Большой опере большое плавание
Валерий Гергиев исполнил «Аиду» в Московской филармонии
«Аида» Верди в концертном исполнении с участием Валерия Гергиева, оркестра, хора и солистов Мариинского театра (среди них Татьяна Сержан, Екатерина Семенчук, Ованес Айвазян и другие) на сцене зала Чайковского прозвучала настолько же ослепительно, насколько привычно. Великолепная трагедия, когда-то написанная к праздничному случаю, не обманула ожиданий и была громкой и грандиозной, в чем убедилась Юлия Бедерова.
Если не знать, как плотно расписание Мариинского театра и как богат список его оперных названий, можно подумать, что за последние два-три года Валерий Гергиев и его команда представили в Москве в концертном варианте большую часть мариинского репертуара. На деле, как бы ни были регулярны появления Гергиева в Москве с многочасовыми полотнами Вагнера, Римского-Корсакова или Мусоргского, оперы Верди, с которыми театр редко появляется в Москве, составляют крепкую и обширную репертуарную основу гергиевской Мариинки. А Татьяна Сержан, одна из главных звезд московского каста гастрольной «Аиды», неотъемлемая часть сегодняшней элиты мариинского ансамбля, в сезоне-2019/20 занята практически во всех вердиевских названиях числом не меньше семи (включая «Реквием»), а также поет в Венской Штаатсопер — в «Набукко» и «Макбете». Исключение сделано для Deutsche Oper в Берлине, где Сержан участвует в пуччиниевской «Манон Леско».
Перекрывающий оркестр чуть старомодно могучий голос Сержан — яркого тембра, с блестящим форте и характерной манерой избегания пиано в границах широкой обобщенной фразировки без лишних деталей — такая же прочная и эффектная опора вердиевской музыки в исполнении мариинских музыкантов, как звучание их медных духовых. В сущности, все, что располагается между ними — голосом Сержан и ясной громоподобной медью,— в гергиевской «Аиде» выполнено мастерски, но на фоне их соревнования друг с другом динамично меркнет и оказывается не столь важным.

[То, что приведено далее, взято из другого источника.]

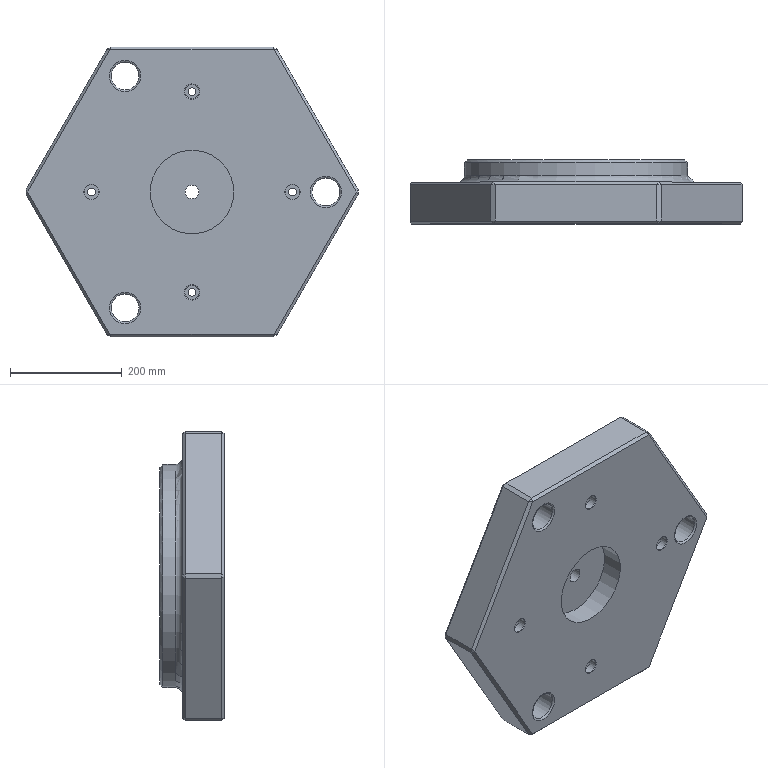Component | NX | BOTTOM_PLATE | 1 solid | 73 faces | volume 21252282 mm3 | plane 44 | cylinder 14 | torus 11 | spline 3 | cone 1 | commonest cylinder face diameters 14.2 x4 25.9 x4 50.2 x3 400 x1 25 x1 150 x1

Многие полагают, что, несмотря на свою несколько одиозную по нынешним меркам историю представлений с участием живых слонов, «Аида» Верди отнюдь не только выдержанный в духе историзма памятник художественному колониализму, в очертаниях которого, кажется, запечатлена вся немыслимая парадность европейского оперного театра золотой эры. Но этим вечером ничто — ни скрытая за массой плотно сбитого звука логика и красота прозрачной инженерной конструкции партитуры, ни человечность ее мелодического и драматического обаяния, ни тень античного конфликта воли, судьбы и долга, лежащая на лаковой поверхности многофигурной романтической композиции,— не могло отвлечь слушателя от грандиозного и величественного музыкального представления, если угодно, именно что «про слонов», каким музыка «Аиды» становилась сама собой, как будто совершенно естественным образом. На самом деле сделать эту музыку такой сегодня мало кому по силам, но Гергиеву и его подопечным удалось безупречно.
Слушатель мог почувствовать себя счастливым обладателем билетов в первые ряды театра вроде «Арены ди Верона», где тебя накрывает с головой и массивом звука, и укрупненным величием зрелищности. Или даже изумленным участником фантастического фильма-катастрофы: что-нибудь такое, где гигантский океанский лайнер со всеми его мощными палубами, матросами, пассажирами и тысячами горящих огней могущественно и неуклонно взрезается в береговую линию, круша все на своем пути, но сам не давая почти ни трещины. Разве что где-то в средних голосах ансамблей что-то еле заметно расходится, но крайние точки, верхние ноты, акценты фраз — все крепки и надежны. А между ариями, дуэтами, хорами, оркестровыми эпизодами, наваливающимися на слушателя сверху вниз, ни миллиметра зазора, ни тени контраста, ни грамма неровно распределенного веса, чтобы заметить хоть сколько-нибудь чувствительную разницу в плотности.
Казалось, Гергиев с неохотой прервался даже на один антракт, настолько форма в его исполнении едина, неразрывна и развивается не от кульминации к кульминации, как это бывает в его, например, Вагнере, но внутри одной-единственной кульминации размером в четырехактную партитуру.
Притягательная в своей драматической тонкости и вокальной выразительности Екатерина Семенчук в партии Амнерис судьбу этой «Аиды» изменить не могла. И весь парадный ансамбль — Ованес Айвазян (Радамес), Роман Бурденко (Амонасро), Михаил Колелишвили (Царь Египта), Михаил Петренко (Рамфис) — решительно соответствовал размаху, возвышенно равнодушной слепящей ровности и уровню громкости героической музыкальной конструкции. Даже в финале, где герои умирают — внезапно — на фортиссимо.